The above example returns an instance of FooClass with injected constructor arguments. Take note that the second argument passed to injectConstructor() is an array, and this array defines which arguments get which values. These values can be specified in any order, and the method will match the keys with the actual argument names in the contructors signature. The following example would have the same result.

$object = $di->injectConstructor(
    'FooClass',
    array('blah' => 'bling', 'argB' => 'bar', 'argA' => 'foo')
);

injectConstructor() assigns the appropriate keys to their corresponding arguments. Keys with no corresponding argument are ignored. This principle is the same for the other inject methods.

$result = $di->injectMethod($object, 'someMethod', array('foo' => 'bar'));

$result = $di->injectStaticMethod('FooClass', 'someMethod', array('foo' => 'bar'));

$result = $di->injectFunction('someFunction', array('foo' => 'bar'));

$result = $di->injectFunction($closure, array('foo' => 'bar'));

Of course, you could inject defined services and parameters as well.

$object = $di->injectConstructor(
    'FooClass',
    array('argA' => $di->get('FooService'), 'argB' => $di->getParameter('foo'))
);

For convenience, the inject methods understand placeholders for services and parameters.
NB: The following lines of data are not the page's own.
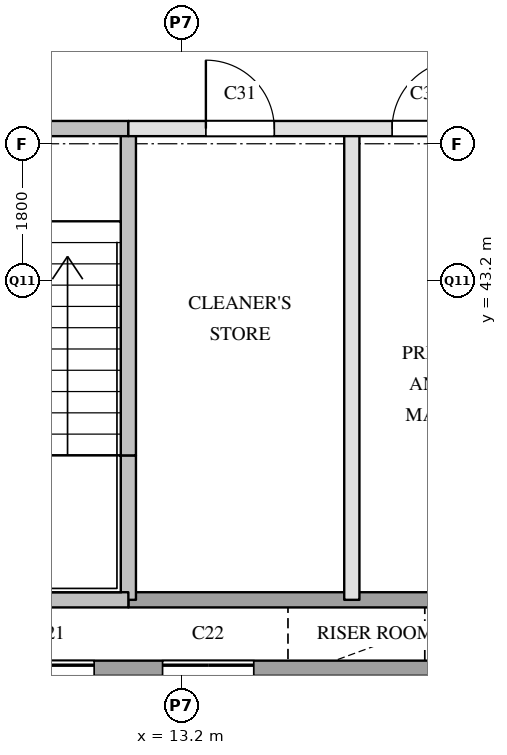
"""IFC4 building model, lengths in metres.
Left out: names, types, materials, properties, quantities, classifications, styles, units other than length and angle.
Written with IfcOpenShell. Run it as: python <this file> out.ifc"""

import sys

from ifc_helpers import new_model, si_unit, direction, frame, frame_2d, origin, place, context, subcontext, project, spatial, rectangle, extrude, element, fill, save


model = new_model("IFC4")
c1 = context("Model", 3, precision=1e-05, world=origin(), true_north=direction((0.0, 1.0)))
c2 = subcontext(c1, "Body", "Model", "MODEL_VIEW")
j1 = project(units=[si_unit("LENGTHUNIT", "METRE"), si_unit("PLANEANGLEUNIT", "RADIAN")], contexts=[c1])
p1 = place(None, origin())
s1 = spatial("IfcSite", under=j1, at=p1, CompositionType="ELEMENT")
p2 = place(p1, origin())
s2 = spatial("IfcBuilding", under=s1, at=p2, CompositionType="ELEMENT")
p3 = place(p2, frame((0.0, 0.0, 81.6)))
s3 = spatial("IfcBuildingStorey", under=s2, at=p3, CompositionType="ELEMENT", Elevation=81.6)
p4 = place(p3, frame((12.5, 34.9, 0.0), z_axis=(0.0, 0.0, 1.0), x_axis=(0.0, 1.0, 0.0)))
e1 = element("IfcWall", 1, at=p4, inside=s3, PredefinedType="SOLIDWALL", context=c2, shape_type="SweptSolid", body=[
    extrude(rectangle(XDim=3.2, YDim=0.2, at=frame_2d((1.6, 0.0))), origin(), (0.0, 0.0, 1.0), 3.5),
])
p5 = place(p3, frame((12.5, 39.0, 0.0), z_axis=(0.0, 0.0, 1.0), x_axis=(0.0, 1.0, 0.0)))
e2 = element("IfcWall", 2, at=p5, inside=s3, PredefinedType="SOLIDWALL", context=c2, shape_type="SweptSolid", body=[
    extrude(rectangle(XDim=1.9, YDim=0.2, at=frame_2d((0.95, 0.0))), origin(), (0.0, 0.0, 1.0), 3.5),
])
p6 = place(p3, frame((12.5, 40.9, 0.0), z_axis=(0.0, 0.0, 1.0), x_axis=(0.0, 1.0, 0.0)))
e3 = element("IfcWall", 3, at=p6, inside=s3, PredefinedType="SOLIDWALL", context=c2, shape_type="SweptSolid", body=[
    extrude(rectangle(XDim=4.3, YDim=0.2, at=frame_2d((2.15, 0.0))), origin(), (0.0, 0.0, 1.0), 3.5),
])
p7 = place(p3, frame((14.6, 34.9, 0.0), z_axis=(0.0, 0.0, 1.0), x_axis=(0.0, 1.0, 0.0)))
e4 = element("IfcWall", 4, at=p7, inside=s3, PredefinedType="SOLIDWALL", context=c2, shape_type="SweptSolid", body=[
    extrude(rectangle(XDim=3.2, YDim=0.2, at=frame_2d((1.6, 0.0))), origin(), (0.0, 0.0, 1.0), 3.5),
])
p8 = place(p3, frame((15.44, 39.0, 0.0), z_axis=(0.0, 0.0, 1.0), x_axis=(0.0, 1.0, 0.0)))
e5 = element("IfcWall", 5, at=p8, inside=s3, PredefinedType="PARTITIONING", context=c2, shape_type="SweptSolid", body=[
    extrude(rectangle(XDim=6.2, YDim=0.2, at=frame_2d((3.1, 0.0))), origin(), (0.0, 0.0, 1.0), 3.5),
])
p9 = place(p3, frame((6.2, 38.1, 0.0), z_axis=(0.0, 0.0, 1.0), x_axis=(1.0, 0.0, 0.0)))
e6 = element("IfcWall", 6, at=p9, inside=s3, PredefinedType="SOLIDWALL", context=c2, shape_type="SweptSolid", body=[
    extrude(rectangle(XDim=11.2, YDim=0.2, at=frame_2d((5.6, 0.0))), origin(), (0.0, 0.0, 1.0), 3.5),
])
p10 = place(p9, frame((0.45, 0.0, 0.0)))
e7 = element("IfcOpeningElement", 7, at=p10, cuts=e6, PredefinedType="OPENING", context=c2, shape_type="SweptSolid", body=[
    extrude(rectangle(XDim=1.2, YDim=2.1, at=frame_2d((0.6, 1.05))), frame((0.0, 0.11, 0.0), z_axis=(0.0, -1.0, 0.0), x_axis=(1.0, 0.0, 0.0)), (0.0, 0.0, 1.0), 0.22),
])
p11 = place(p9, frame((2.55, 0.0, 0.0)))
e8 = element("IfcOpeningElement", 8, at=p11, cuts=e6, PredefinedType="OPENING", context=c2, shape_type="SweptSolid", body=[
    extrude(rectangle(XDim=1.2, YDim=2.1, at=frame_2d((0.6, 1.05))), frame((0.0, 0.11, 0.0), z_axis=(0.0, -1.0, 0.0), x_axis=(1.0, 0.0, 0.0)), (0.0, 0.0, 1.0), 0.22),
])
p12 = place(p9, frame((4.65, 0.0, 0.0)))
e9 = element("IfcOpeningElement", 9, at=p12, cuts=e6, PredefinedType="OPENING", context=c2, shape_type="SweptSolid", body=[
    extrude(rectangle(XDim=1.2, YDim=2.1, at=frame_2d((0.6, 1.05))), frame((0.0, 0.11, 0.0), z_axis=(0.0, -1.0, 0.0), x_axis=(1.0, 0.0, 0.0)), (0.0, 0.0, 1.0), 0.22),
])
p13 = place(p9, frame((6.75, 0.0, 0.0)))
e10 = element("IfcOpeningElement", 10, at=p13, cuts=e6, PredefinedType="OPENING", context=c2, shape_type="SweptSolid", body=[
    extrude(rectangle(XDim=1.2, YDim=2.1, at=frame_2d((0.6, 1.05))), frame((0.0, 0.11, 0.0), z_axis=(0.0, -1.0, 0.0), x_axis=(1.0, 0.0, 0.0)), (0.0, 0.0, 1.0), 0.22),
])
p14 = place(p3, frame((12.5, 39.0, 0.0), z_axis=(0.0, 0.0, 1.0), x_axis=(1.0, 0.0, 0.0)))
e11 = element("IfcWall", 11, at=p14, inside=s3, PredefinedType="SOLIDWALL", context=c2, shape_type="SweptSolid", body=[
    extrude(rectangle(XDim=4.9, YDim=0.2, at=frame_2d((2.45, 0.0))), origin(), (0.0, 0.0, 1.0), 3.5),
])
p15 = place(p3, frame((9.45, 39.0, 0.0), z_axis=(0.0, 0.0, 1.0), x_axis=(1.0, 0.0, 0.0)))
e12 = element("IfcWall", 12, at=p15, inside=s3, PredefinedType="SOLIDWALL", context=c2, shape_type="SweptSolid", body=[
    extrude(rectangle(XDim=3.05, YDim=0.2, at=frame_2d((1.525, 0.0))), origin(), (0.0, 0.0, 1.0), 3.5),
])
p16 = place(p3, frame((12.5, 45.2, 0.0), z_axis=(0.0, 0.0, 1.0), x_axis=(1.0, 0.0, 0.0)))
e13 = element("IfcWall", 13, at=p16, inside=s3, PredefinedType="PARTITIONING", context=c2, shape_type="SweptSolid", body=[
    extrude(rectangle(XDim=4.9, YDim=0.2, at=frame_2d((2.45, 0.0))), origin(), (0.0, 0.0, 1.0), 3.5),
])
p17 = place(p16, frame((1.02, 0.0, 0.0)))
e14 = element("IfcOpeningElement", 14, at=p17, cuts=e13, PredefinedType="OPENING", context=c2, shape_type="SweptSolid", body=[
    extrude(rectangle(XDim=0.9, YDim=2.1, at=frame_2d((0.45, 1.05))), frame((0.0, 0.11, 0.0), z_axis=(0.0, -1.0, 0.0), x_axis=(1.0, 0.0, 0.0)), (0.0, 0.0, 1.0), 0.22),
])
p18 = place(p16, frame((3.47, 0.0, 0.0)))
e15 = element("IfcOpeningElement", 15, at=p18, cuts=e13, PredefinedType="OPENING", context=c2, shape_type="SweptSolid", body=[
    extrude(rectangle(XDim=0.9, YDim=2.1, at=frame_2d((0.45, 1.05))), frame((0.0, 0.11, 0.0), z_axis=(0.0, -1.0, 0.0), x_axis=(1.0, 0.0, 0.0)), (0.0, 0.0, 1.0), 0.22),
])
p19 = place(p3, frame((6.2, 45.2, 0.0), z_axis=(0.0, 0.0, 1.0), x_axis=(1.0, 0.0, 0.0)))
e16 = element("IfcWall", 16, at=p19, inside=s3, PredefinedType="SOLIDWALL", context=c2, shape_type="SweptSolid", body=[
    extrude(rectangle(XDim=6.3, YDim=0.2, at=frame_2d((3.15, 0.0))), origin(), (0.0, 0.0, 1.0), 3.5),
])
p20 = place(p19, frame((1.025, 0.0, 0.0)))
e17 = element("IfcOpeningElement", 17, at=p20, cuts=e16, PredefinedType="OPENING", context=c2, shape_type="SweptSolid", body=[
    extrude(rectangle(XDim=1.1, YDim=2.1, at=frame_2d((0.55, 1.05))), frame((0.0, 0.11, 0.0), z_axis=(0.0, -1.0, 0.0), x_axis=(1.0, 0.0, 0.0)), (0.0, 0.0, 1.0), 0.22),
])
p21 = place(p19, frame((4.175, 0.0, 0.0)))
e18 = element("IfcOpeningElement", 18, at=p21, cuts=e16, PredefinedType="OPENING", context=c2, shape_type="SweptSolid", body=[
    extrude(rectangle(XDim=1.1, YDim=2.1, at=frame_2d((0.55, 1.05))), frame((0.0, 0.11, 0.0), z_axis=(0.0, -1.0, 0.0), x_axis=(1.0, 0.0, 0.0)), (0.0, 0.0, 1.0), 0.22),
])
p22 = place(p12, origin())
e19 = element("IfcDoor", 19, at=p22, inside=s3, OperationType="SLIDING_TO_LEFT", PredefinedType="DOOR", context=c2, shape_type="SweptSolid", body=[
    extrude(rectangle(XDim=1.2, YDim=2.1, at=frame_2d((0.6, 1.05))), frame((0.0, 0.025, 0.0), z_axis=(0.0, -1.0, 0.0), x_axis=(1.0, 0.0, 0.0)), (0.0, 0.0, 1.0), 0.05),
])
fill(e9, e19)
p23 = place(p13, origin())
e20 = element("IfcDoor", 20, at=p23, inside=s3, OperationType="SLIDING_TO_LEFT", PredefinedType="DOOR", context=c2, shape_type="SweptSolid", body=[
    extrude(rectangle(XDim=1.2, YDim=2.1, at=frame_2d((0.6, 1.05))), frame((0.0, 0.025, 0.0), z_axis=(0.0, -1.0, 0.0), x_axis=(1.0, 0.0, 0.0)), (0.0, 0.0, 1.0), 0.05),
])
fill(e10, e20)
p24 = place(p17, origin())
e21 = element("IfcDoor", 21, at=p24, inside=s3, OperationType="SINGLE_SWING_LEFT", PredefinedType="DOOR", context=c2, shape_type="SweptSolid", body=[
    extrude(rectangle(XDim=0.9, YDim=2.1, at=frame_2d((0.45, 1.05))), frame((0.0, 0.025, 0.0), z_axis=(0.0, -1.0, 0.0), x_axis=(1.0, 0.0, 0.0)), (0.0, 0.0, 1.0), 0.05),
])
fill(e14, e21)
p25 = place(p18, origin())
e22 = element("IfcDoor", 22, at=p25, inside=s3, OperationType="SINGLE_SWING_RIGHT", PredefinedType="DOOR", context=c2, shape_type="SweptSolid", body=[
    extrude(rectangle(XDim=0.9, YDim=2.1, at=frame_2d((0.45, 1.05))), frame((0.0, 0.025, 0.0), z_axis=(0.0, -1.0, 0.0), x_axis=(1.0, 0.0, 0.0)), (0.0, 0.0, 1.0), 0.05),
])
fill(e15, e22)
save(model, sys.argv[1])

$object = $di->injectConstructor(
    'FooClass',
    array('argA' => '%FooService', 'argB' => ':foo')
);

Services can be referenced by prefixing the service name with a percent sign (%), and parameters can be referenced by prefixing the parameter name with a colon (:).

Type-based injection occurs in all cases when using the inject* methods unless the argument is supplied when invoking the method. In this way, you can override type-based injection for particular arguments. You can also force type-based injection on arguments by supplying a type for an argument.

$object = $di->injectConstructor(
    'FooClass',
    array('argA' => '\Foo\Service\Class')
);

Argument values starting with a backslash are assumed to be type-hinted arguments.